De la montagne, la résistance se transportera dans les villes. Mais même après la création du « Comité d’action marocain », en 1934, la gestation est encore longue. Par contre, les premières fissures apparaissent entre « les modernistes » du futur Hizb Achoura de Mohamed Bel Hassan El Ouazzani et les « traditionalistes » du parti de l’Istiqlal, conduits par Allal El Fassi, dont les jalons sont lancés avec le Manifeste de l’indépendance du 11 janvier 1944. Avec cette urbanisation de la résistance, naîtra une juxtaposition entre une bourgeoisie citadine, à l’ancienne, et des activistes « people » de terrain, aussi bien dans la cité qu’en rase campagne. Un clivage qui persistera et ne se décantera, un tant soit peu, qu’avec la création, en 1959, de l’Union nationale des forces populaires (UNFP). Cette période aussi a ses hommes ; ils sont un peu plus connus que leurs glorieux prédécesseurs. L’abrogation du protectorat apportera une stratification sociale autrement plus élaborée. Le Maroc indépendant produira une classe de privilégiés qu’on appellera, à juste titre, les rentiers de l’indépendance. Ceux qui s’opposeront à ce nouvel ordre socio-politique, parmi lesquels des nationalistes de la première heure, seront voués aux gémonies, quand ils ne le paieront pas de leur liberté, voire de leur vie. Ils apprendront à leurs dépens qu’indépendance ne signifie ni démocratie, ni Etat de droit, encore moins redistribution équitable des richesses nationales. D’autres luttes de libération seront nécessaires pour y arriver.

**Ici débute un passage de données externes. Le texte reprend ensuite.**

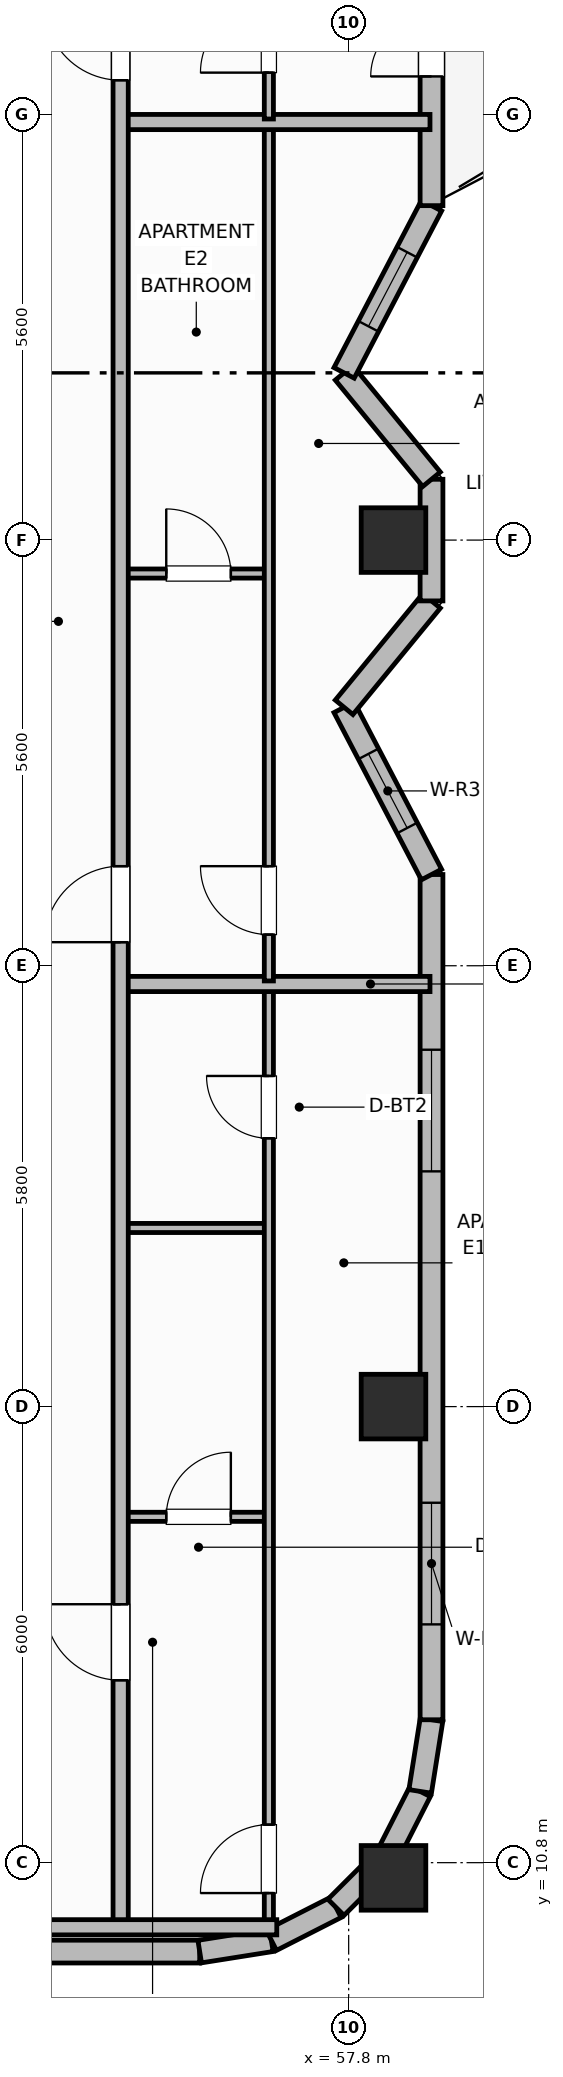
"""IFC4 building model, lengths in metres.
Left out: names, types, materials, properties, quantities, classifications, styles, units other than length and angle.
Written with IfcOpenShell. Run it as: python <this file> out.ifc"""

import sys

from ifc_helpers import new_model, si_unit, direction, frame, frame_2d, origin, origin_2d, place, context, subcontext, project, spatial, rectangle, extrude, element, fill, save


model = new_model("IFC4")
c1 = context("Model", 3, precision=1e-05, world=origin(), true_north=direction((0.0, 1.0)))
c2 = subcontext(c1, "Body", "Model", "MODEL_VIEW")
j1 = project(units=[si_unit("LENGTHUNIT", "METRE"), si_unit("PLANEANGLEUNIT", "RADIAN")], contexts=[c1])
p1 = place(None, origin())
s1 = spatial("IfcSite", under=j1, at=p1, CompositionType="ELEMENT")
p2 = place(p1, origin())
s2 = spatial("IfcBuilding", under=s1, at=p2, CompositionType="ELEMENT")
p3 = place(p2, frame((0.0, 0.0, 240.6)))
s3 = spatial("IfcBuildingStorey", under=s2, at=p3, CompositionType="ELEMENT", Elevation=240.6)
for number, where, z_axis, x_axis in (
    (1, (58.39, 10.6, 0.0), (0.0, 0.0, 1.0), (1.0, 0.0, 0.0)),
    (2, (58.39, 16.8, 0.0), (0.0, 0.0, 1.0), (1.0, 0.0, 0.0)),
    (3, (58.39, 28.2, 0.0), (0.0, 0.0, 1.0), (1.0, 0.0, 0.0)),
):
    element("IfcColumn", number, at=place(p3, frame(where, z_axis=z_axis, x_axis=x_axis)), inside=s3, PredefinedType="COLUMN", context=c2, shape_type="SweptSolid", body=[
        extrude(rectangle(XDim=0.85, YDim=0.85, at=origin_2d()), origin(), (0.0, 0.0, 1.0), 3.7),
    ])
p4 = place(p3, frame((22.56, 9.63, 0.0), z_axis=(0.0, 0.0, 1.0), x_axis=(1.0, 0.0, 0.0)))
e4 = element("IfcWall", 4, at=p4, inside=s3, PredefinedType="SOLIDWALL", context=c2, shape_type="SweptSolid", body=[
    extrude(rectangle(XDim=33.28, YDim=0.3, at=frame_2d((16.64, 0.0))), origin(), (0.0, 0.0, 1.0), 2.73),
])
p5 = place(p4, frame((5.08, 0.0, 0.76)))
e5 = element("IfcOpeningElement", 5, at=p5, cuts=e4, PredefinedType="OPENING", context=c2, shape_type="SweptSolid", body=[
    extrude(rectangle(XDim=1.8, YDim=1.85, at=frame_2d((0.9, 0.925))), frame((0.0, 0.16, 0.0), z_axis=(0.0, -1.0, 0.0), x_axis=(1.0, 0.0, 0.0)), (0.0, 0.0, 1.0), 0.32),
])
p6 = place(p4, frame((8.633, 0.0, 0.76)))
e6 = element("IfcOpeningElement", 6, at=p6, cuts=e4, PredefinedType="OPENING", context=c2, shape_type="SweptSolid", body=[
    extrude(rectangle(XDim=1.8, YDim=1.85, at=frame_2d((0.9, 0.925))), frame((0.0, 0.16, 0.0), z_axis=(0.0, -1.0, 0.0), x_axis=(1.0, 0.0, 0.0)), (0.0, 0.0, 1.0), 0.32),
])
p7 = place(p4, frame((15.74, 0.0, 0.76)))
e7 = element("IfcOpeningElement", 7, at=p7, cuts=e4, PredefinedType="OPENING", context=c2, shape_type="SweptSolid", body=[
    extrude(rectangle(XDim=1.8, YDim=1.85, at=frame_2d((0.9, 0.925))), frame((0.0, 0.16, 0.0), z_axis=(0.0, -1.0, 0.0), x_axis=(1.0, 0.0, 0.0)), (0.0, 0.0, 1.0), 0.32),
])
p8 = place(p4, frame((22.847, 0.0, 0.76)))
e8 = element("IfcOpeningElement", 8, at=p8, cuts=e4, PredefinedType="OPENING", context=c2, shape_type="SweptSolid", body=[
    extrude(rectangle(XDim=1.8, YDim=1.85, at=frame_2d((0.9, 0.925))), frame((0.0, 0.16, 0.0), z_axis=(0.0, -1.0, 0.0), x_axis=(1.0, 0.0, 0.0)), (0.0, 0.0, 1.0), 0.32),
])
p9 = place(p4, frame((26.4, 0.0, 0.76)))
e9 = element("IfcOpeningElement", 9, at=p9, cuts=e4, PredefinedType="OPENING", context=c2, shape_type="SweptSolid", body=[
    extrude(rectangle(XDim=1.8, YDim=1.85, at=frame_2d((0.9, 0.925))), frame((0.0, 0.16, 0.0), z_axis=(0.0, -1.0, 0.0), x_axis=(1.0, 0.0, 0.0)), (0.0, 0.0, 1.0), 0.32),
])
p10 = place(p3, frame((55.84, 9.63, 0.0), z_axis=(0.0, 0.0, 1.0), x_axis=(0.987663181641, 0.156593229835, 0.0)))
e10 = element("IfcWall", 10, at=p10, inside=s3, PredefinedType="SOLIDWALL", context=c2, shape_type="SweptSolid", body=[
    extrude(rectangle(XDim=0.954, YDim=0.3, at=frame_2d((0.477, 0.0))), origin(), (0.0, 0.0, 1.0), 2.73),
])
for number, where, z_axis, x_axis in (
    (11, (56.782, 9.779, 0.0), (0.0, 0.0, 1.0), (0.891, 0.454, 0.0)),
    (12, (57.633, 10.212, 0.0), (0.0, 0.0, 1.0), (0.707, 0.707, 0.0)),
    (13, (58.308, 10.887, 0.0), (0.0, 0.0, 1.0), (0.454, 0.891, 0.0)),
):
    element("IfcWall", number, at=place(p3, frame(where, z_axis=z_axis, x_axis=x_axis)), inside=s3, PredefinedType="SOLIDWALL", context=c2, shape_type="SweptSolid", body=[
        extrude(rectangle(XDim=0.954, YDim=0.3, at=frame_2d((0.477, 0.0))), origin(), (0.0, 0.0, 1.0), 2.73),
    ])
p11 = place(p3, frame((58.741, 11.738, 0.0), z_axis=(0.0, 0.0, 1.0), x_axis=(0.156343617883, 0.987702725088, 0.0)))
e14 = element("IfcWall", 14, at=p11, inside=s3, PredefinedType="SOLIDWALL", context=c2, shape_type="SweptSolid", body=[
    extrude(rectangle(XDim=0.954, YDim=0.3, at=frame_2d((0.477, 0.0))), origin(), (0.0, 0.0, 1.0), 2.73),
])
p12 = place(p3, frame((58.89, 12.68, 0.0), z_axis=(0.0, 0.0, 1.0), x_axis=(0.0, 1.0, 0.0)))
e15 = element("IfcWall", 15, at=p12, inside=s3, PredefinedType="SOLIDWALL", context=c2, shape_type="SweptSolid", body=[
    extrude(rectangle(XDim=11.12, YDim=0.3, at=frame_2d((5.56, 0.0))), origin(), (0.0, 0.0, 1.0), 2.73),
])
p13 = place(p12, frame((1.255, 0.0, 0.71)))
e16 = element("IfcOpeningElement", 16, at=p13, cuts=e15, PredefinedType="OPENING", context=c2, shape_type="SweptSolid", body=[
    extrude(rectangle(XDim=1.6, YDim=1.9, at=frame_2d((0.8, 0.95))), frame((0.0, 0.16, 0.0), z_axis=(0.0, -1.0, 0.0), x_axis=(1.0, 0.0, 0.0)), (0.0, 0.0, 1.0), 0.32),
])
p14 = place(p12, frame((7.215, 0.0, 0.71)))
e17 = element("IfcOpeningElement", 17, at=p14, cuts=e15, PredefinedType="OPENING", context=c2, shape_type="SweptSolid", body=[
    extrude(rectangle(XDim=1.6, YDim=1.9, at=frame_2d((0.8, 0.95))), frame((0.0, 0.16, 0.0), z_axis=(0.0, -1.0, 0.0), x_axis=(1.0, 0.0, 0.0)), (0.0, 0.0, 1.0), 0.32),
])
p15 = place(p3, frame((58.89, 23.8, 0.0), z_axis=(0.0, 0.0, 1.0), x_axis=(-0.46323138706, 0.886237373418, 0.0)))
e18 = element("IfcWall", 18, at=p15, inside=s3, PredefinedType="SOLIDWALL", context=c2, shape_type="SweptSolid", body=[
    extrude(rectangle(XDim=2.482, YDim=0.3, at=frame_2d((1.241, 0.0))), origin(), (0.0, 0.0, 1.0), 2.73),
])
p16 = place(p15, frame((0.691, 0.0, 0.92)))
e19 = element("IfcOpeningElement", 19, at=p16, cuts=e18, PredefinedType="OPENING", context=c2, shape_type="SweptSolid", body=[
    extrude(rectangle(XDim=1.1, YDim=1.65, at=frame_2d((0.55, 0.825))), frame((0.0, 0.16, 0.0), z_axis=(0.0, -1.0, 0.0), x_axis=(1.0, 0.0, 0.0)), (0.0, 0.0, 1.0), 0.32),
])
p17 = place(p3, frame((57.74, 26.0, 0.0), z_axis=(0.0, 0.0, 1.0), x_axis=(0.634733675645, 0.772730975827, 0.0)))
e20 = element("IfcWall", 20, at=p17, inside=s3, PredefinedType="SOLIDWALL", context=c2, shape_type="SweptSolid", body=[
    extrude(rectangle(XDim=1.812, YDim=0.3, at=frame_2d((0.906, 0.0))), origin(), (0.0, 0.0, 1.0), 2.73),
])
p18 = place(p3, frame((58.89, 27.4, 0.0), z_axis=(0.0, 0.0, 1.0), x_axis=(0.0, 1.0, 0.0)))
e21 = element("IfcWall", 21, at=p18, inside=s3, PredefinedType="SOLIDWALL", context=c2, shape_type="SweptSolid", body=[
    extrude(rectangle(XDim=1.6, YDim=0.3, at=frame_2d((0.8, 0.0))), origin(), (0.0, 0.0, 1.0), 2.73),
])
p19 = place(p3, frame((58.89, 29.0, 0.0), z_axis=(0.0, 0.0, 1.0), x_axis=(-0.634733675645, 0.772730975827, 0.0)))
e22 = element("IfcWall", 22, at=p19, inside=s3, PredefinedType="SOLIDWALL", context=c2, shape_type="SweptSolid", body=[
    extrude(rectangle(XDim=1.812, YDim=0.3, at=frame_2d((0.906, 0.0))), origin(), (0.0, 0.0, 1.0), 2.73),
])
p20 = place(p3, frame((57.74, 30.4, 0.0), z_axis=(0.0, 0.0, 1.0), x_axis=(0.463191013929, 0.88625847506, 0.0)))
e23 = element("IfcWall", 23, at=p20, inside=s3, PredefinedType="SOLIDWALL", context=c2, shape_type="SweptSolid", body=[
    extrude(rectangle(XDim=2.483, YDim=0.3, at=frame_2d((1.241, 0.0))), origin(), (0.0, 0.0, 1.0), 2.73),
])
p21 = place(p20, frame((0.691, 0.0, 0.92)))
e24 = element("IfcOpeningElement", 24, at=p21, cuts=e23, PredefinedType="OPENING", context=c2, shape_type="SweptSolid", body=[
    extrude(rectangle(XDim=1.1, YDim=1.65, at=frame_2d((0.55, 0.825))), frame((0.0, 0.16, 0.0), z_axis=(0.0, -1.0, 0.0), x_axis=(1.0, 0.0, 0.0)), (0.0, 0.0, 1.0), 0.32),
])
p22 = place(p3, frame((58.89, 32.6, 0.0), z_axis=(0.0, 0.0, 1.0), x_axis=(0.0, 1.0, 0.0)))
e25 = element("IfcWall", 25, at=p22, inside=s3, PredefinedType="SOLIDWALL", context=c2, shape_type="SweptSolid", body=[
    extrude(rectangle(XDim=11.12, YDim=0.3, at=frame_2d((5.56, 0.0))), origin(), (0.0, 0.0, 1.0), 2.73),
])
p23 = place(p22, frame((1.7, 0.0, 0.0)))
e26 = element("IfcOpeningElement", 26, at=p23, cuts=e25, PredefinedType="OPENING", context=c2, shape_type="SweptSolid", body=[
    extrude(rectangle(XDim=1.6, YDim=2.1, at=frame_2d((0.8, 1.05))), frame((0.0, 0.16, 0.0), z_axis=(0.0, -1.0, 0.0), x_axis=(1.0, 0.0, 0.0)), (0.0, 0.0, 1.0), 0.32),
])
p24 = place(p22, frame((4.16, 0.0, 0.76)))
e27 = element("IfcOpeningElement", 27, at=p24, cuts=e25, PredefinedType="OPENING", context=c2, shape_type="SweptSolid", body=[
    extrude(rectangle(XDim=1.4, YDim=1.85, at=frame_2d((0.7, 0.925))), frame((0.0, 0.16, 0.0), z_axis=(0.0, -1.0, 0.0), x_axis=(1.0, 0.0, 0.0)), (0.0, 0.0, 1.0), 0.32),
])
p25 = place(p22, frame((8.483, 0.0, 0.76)))
e28 = element("IfcOpeningElement", 28, at=p25, cuts=e25, PredefinedType="OPENING", context=c2, shape_type="SweptSolid", body=[
    extrude(rectangle(XDim=1.4, YDim=1.85, at=frame_2d((0.7, 0.925))), frame((0.0, 0.16, 0.0), z_axis=(0.0, -1.0, 0.0), x_axis=(1.0, 0.0, 0.0)), (0.0, 0.0, 1.0), 0.32),
])
p26 = place(p3, frame((54.8, 15.35, 0.0), z_axis=(0.0, 0.0, 1.0), x_axis=(1.0, 0.0, 0.0)))
e29 = element("IfcWall", 29, at=p26, inside=s3, PredefinedType="PARTITIONING", context=c2, shape_type="SweptSolid", body=[
    extrude(rectangle(XDim=1.95, YDim=0.12, at=frame_2d((0.975, 0.0))), origin(), (0.0, 0.0, 1.0), 2.56),
])
p27 = place(p26, frame((0.6, 0.0, 0.0)))
e30 = element("IfcOpeningElement", 30, at=p27, cuts=e29, PredefinedType="OPENING", context=c2, shape_type="SweptSolid", body=[
    extrude(rectangle(XDim=0.85, YDim=2.1, at=frame_2d((0.425, 1.05))), frame((0.0, 0.07, 0.0), z_axis=(0.0, -1.0, 0.0), x_axis=(1.0, 0.0, 0.0)), (0.0, 0.0, 1.0), 0.14),
])
p28 = place(p3, frame((54.8, 19.15, 0.0), z_axis=(0.0, 0.0, 1.0), x_axis=(1.0, 0.0, 0.0)))
e31 = element("IfcWall", 31, at=p28, inside=s3, PredefinedType="PARTITIONING", context=c2, shape_type="SweptSolid", body=[
    extrude(rectangle(XDim=1.95, YDim=0.12, at=frame_2d((0.975, 0.0))), origin(), (0.0, 0.0, 1.0), 2.56),
])
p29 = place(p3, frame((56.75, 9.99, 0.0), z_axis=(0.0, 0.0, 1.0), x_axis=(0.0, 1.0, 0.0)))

Zamane, avec la collaboration fructueuse de la communauté des historiens marocains, a déjà apporté quelques éclairages sur cette histoire amorcée en 1912, témoignant ainsi de la richesse de notre recherche historique, mais aussi des vides qu’elle doit encore combler. Notre souhait étant de revisiter le passé, armés de l’arsenal méthodologique des sciences sociales, au-delà des tabous et autres interdits, voilà 18 mois que nos éditions essayent de donner aux événements du présent une profondeur historique.